Unfortunately, the state of the country's banking sector, by any measure, is disappointing. The situation is now worse than before. Loan scams, on the one hand, have dented its image badly and a huge volume of non-performing loans (NPL) is eating into its vitals, on the other. The lack of discipline in loan management in the case of some state-owned banks and private banks is now at its peak. What is worrying is that some people responsible for loan scams or bringing some financial institutions to their knees have gone unscathed because of their political connections. The total size of the NPL, if the loans under the rescheduling facility are taken into account, comes close to Tk 1.5 trillion. This is huge money and the industry can hardly withstand it.

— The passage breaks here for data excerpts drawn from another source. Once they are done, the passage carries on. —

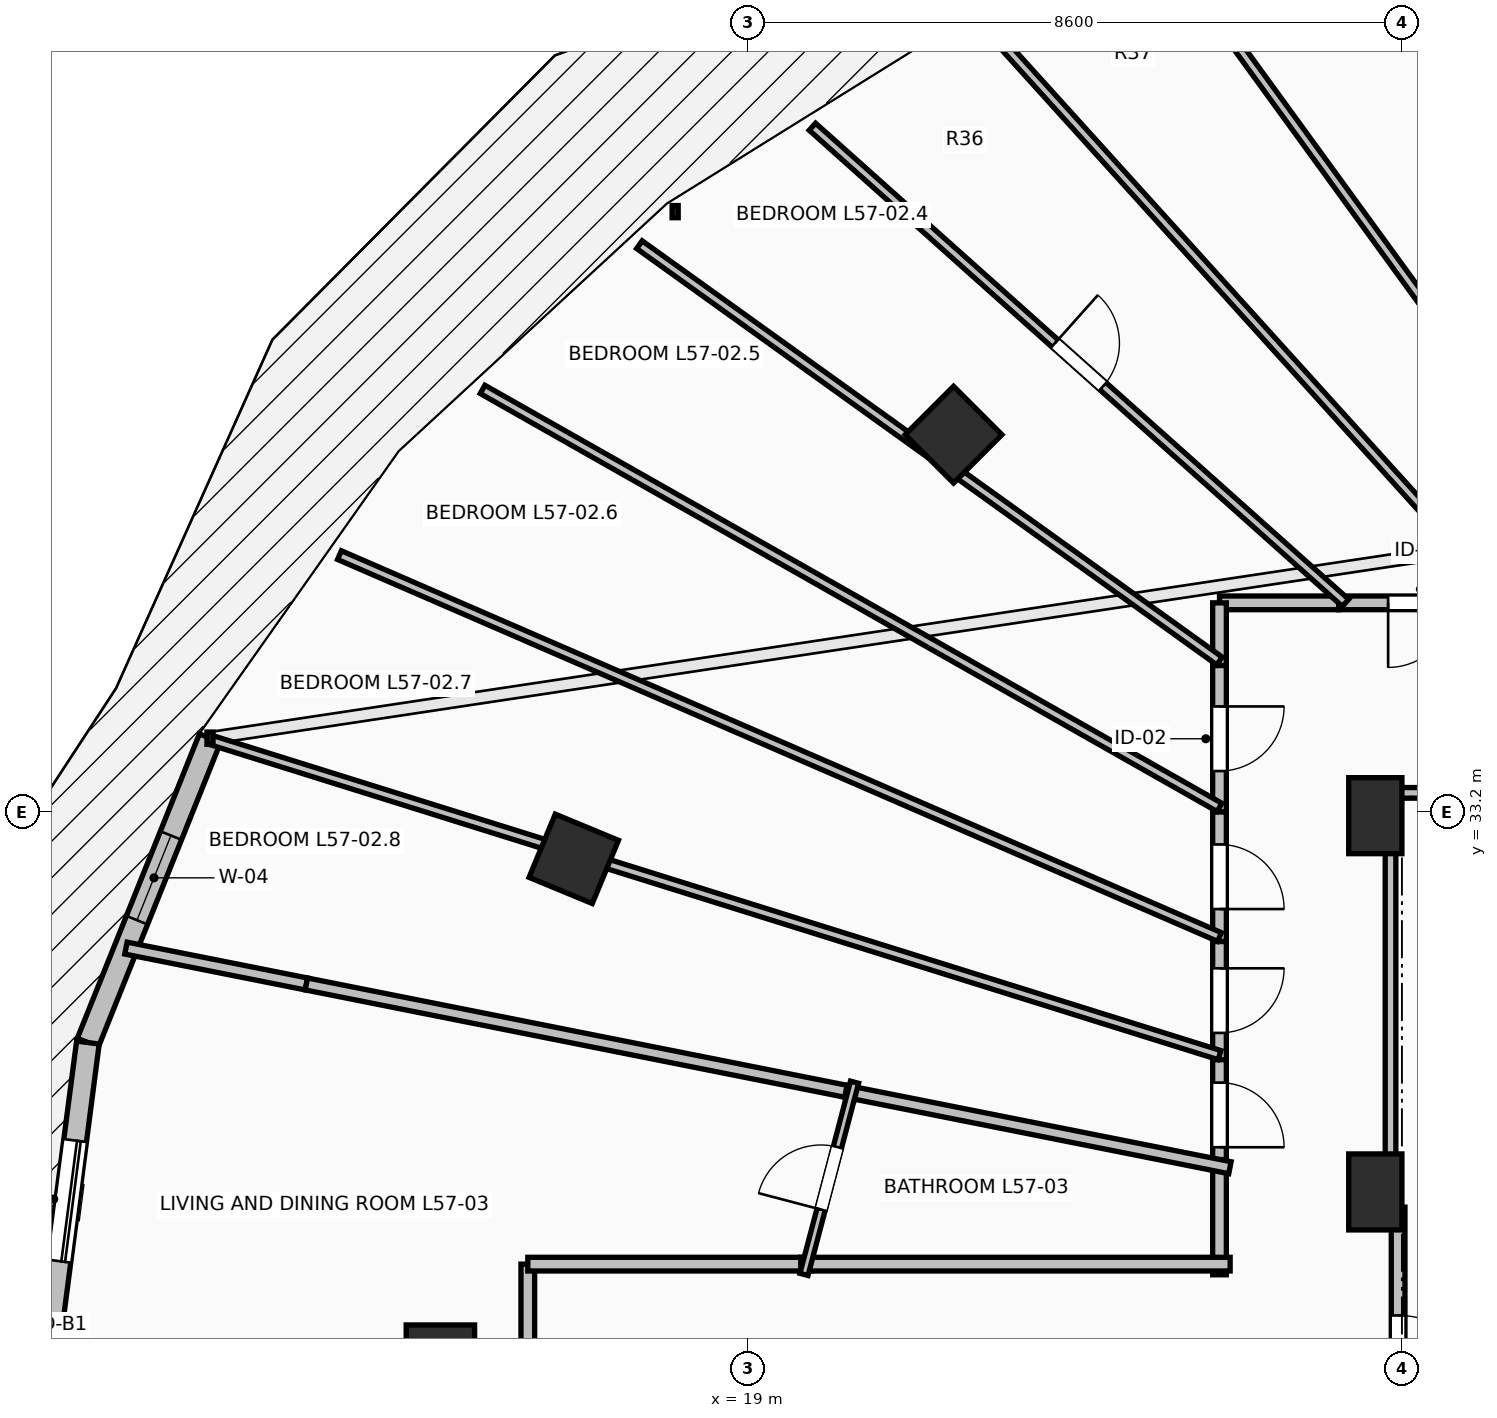
"""IFC4 building model, lengths in metres.
Left out: names, types, materials, properties, quantities, classifications, styles, units other than length and angle.
Written with IfcOpenShell. Run it as: python <this file> out.ifc"""

import sys

from ifc_helpers import new_model, si_unit, direction, frame, frame_2d, origin, origin_2d, place, context, subcontext, project, spatial, rectangle, extrude, element, fill, save


model = new_model("IFC4")
c1 = context("Model", 3, precision=1e-05, world=origin(), true_north=direction((0.0, 1.0)))
c2 = subcontext(c1, "Body", "Model", "MODEL_VIEW")
j1 = project(units=[si_unit("LENGTHUNIT", "METRE"), si_unit("PLANEANGLEUNIT", "RADIAN")], contexts=[c1])
p1 = place(None, origin())
s1 = spatial("IfcSite", under=j1, at=p1, CompositionType="ELEMENT")
p2 = place(p1, origin())
s2 = spatial("IfcBuilding", under=s1, at=p2, CompositionType="ELEMENT")
p3 = place(p2, frame((0.0, 0.0, 210.75)))
s3 = spatial("IfcBuildingStorey", under=s2, at=p3, CompositionType="ELEMENT", Elevation=210.75)
for number, where, z_axis, x_axis in (
    (1, (21.701, 38.162, 0.0), (0.0, 0.0, 1.0), (-0.707, 0.707, 0.0)),
    (2, (16.705, 32.582, 0.0), (0.0, 0.0, 1.0), (-0.924, 0.383, 0.0)),
    (3, (14.95, 26.0, 0.0), (0.0, 0.0, 1.0), (-1.0, 0.0, 0.0)),
):
    element("IfcColumn", number, at=place(p3, frame(where, z_axis=z_axis, x_axis=x_axis)), inside=s3, PredefinedType="COLUMN", context=c2, shape_type="SweptSolid", body=[
        extrude(rectangle(XDim=0.9, YDim=0.9, at=origin_2d()), origin(), (0.0, 0.0, 1.0), 3.55),
    ])
for number, where, z_axis, x_axis in (
    (4, (27.25, 28.2, 0.0), (0.0, 0.0, 1.0), (1.0, 0.0, 0.0)),
    (5, (27.25, 33.15, 0.0), (0.0, 0.0, 1.0), (1.0, 0.0, 0.0)),
):
    element("IfcColumn", number, at=place(p3, frame(where, z_axis=z_axis, x_axis=x_axis)), inside=s3, PredefinedType="PILASTER", context=c2, shape_type="SweptSolid", body=[
        extrude(rectangle(XDim=0.7, YDim=1.0, at=origin_2d()), origin(), (0.0, 0.0, 1.0), 3.55),
    ])
p4 = place(p3, frame((11.919, 34.17, 0.0), z_axis=(0.0, 0.0, 1.0), x_axis=(-0.372268409848, -0.928125116043, 0.0)))
e6 = element("IfcWall", 6, at=p4, inside=s3, PredefinedType="STANDARD", context=c2, shape_type="SweptSolid", body=[
    extrude(rectangle(XDim=4.315, YDim=0.3, at=frame_2d((2.158, 0.0))), origin(), (0.0, 0.0, 1.0), 3.29),
])
p5 = place(p4, frame((1.38, 0.0, 0.85)))
e7 = element("IfcOpeningElement", 7, at=p5, cuts=e6, PredefinedType="OPENING", context=c2, shape_type="SweptSolid", body=[
    extrude(rectangle(XDim=1.2, YDim=1.95, at=frame_2d((0.6, 0.975))), frame((0.0, 0.165, 0.0), z_axis=(0.0, -1.0, 0.0), x_axis=(1.0, 0.0, 0.0)), (0.0, 0.0, 1.0), 0.33),
])
p6 = place(p3, frame((10.312, 30.165, 0.0), z_axis=(0.0, 0.0, 1.0), x_axis=(-0.129147853268, -0.991625348605, 0.0)))
e8 = element("IfcWall", 8, at=p6, inside=s3, PredefinedType="STANDARD", context=c2, shape_type="SweptSolid", body=[
    extrude(rectangle(XDim=4.2, YDim=0.3, at=frame_2d((2.1, 0.0))), origin(), (0.0, 0.0, 1.0), 3.29),
])
p7 = place(p6, frame((1.3, 0.0, 0.0)))
e9 = element("IfcOpeningElement", 9, at=p7, cuts=e8, PredefinedType="OPENING", context=c2, shape_type="SweptSolid", body=[
    extrude(rectangle(XDim=1.6, YDim=2.3, at=frame_2d((0.8, 1.15))), frame((0.0, 0.165, 0.0), z_axis=(0.0, -1.0, 0.0), x_axis=(1.0, 0.0, 0.0)), (0.0, 0.0, 1.0), 0.33),
])
p8 = place(p3, frame((27.55, 28.0, 0.0), z_axis=(0.0, 0.0, 1.0), x_axis=(0.0, -1.0, 0.0)))
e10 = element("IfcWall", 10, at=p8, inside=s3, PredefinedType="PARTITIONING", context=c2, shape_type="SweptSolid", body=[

The reasons for the banking industry coming to such a pitiable state are more or less known to all concerned. Regulatory indifference, government interference and a lack of corporate culture are among the key reasons. Some recent developments in the banking industry in the absence of transparency and accountability would highlight the state of decline of the sector that is considered a key driver of the economy. The amendment which seeks to define 'willful defaulter' elaborately and to curtail benefits to such defaulters is a welcome one. In the absence of such a definition, even some big loan defaulters have claimed that the situation has forced them to withhold payments to the banks. The reality, in most cases, is found to be otherwise. Thus, the amendment in question would carry no meaning if the influential borrowers continue to dodge their inclusion in the list of 'willful defaulters'. The proposed bill though provides for appointing one alternate director for a maximum period of three months, it ignores the issue relating to the maximum number of directors from a family and the tenure of the directorship. The International Monetary Fund (IMF) had suggested changes here.

What remains important here is the intent of key stakeholders---the government, the central bank and the bank owners to make some positive changes. Are they interested in streamlining the banking sector? Until now they seem to have been uninterested in the face of demands for reforming the banking industry. Hopefully, they would demonstrate their due seriousness to clean the Augean Stables and help the banking sector emerge strong and disciplined.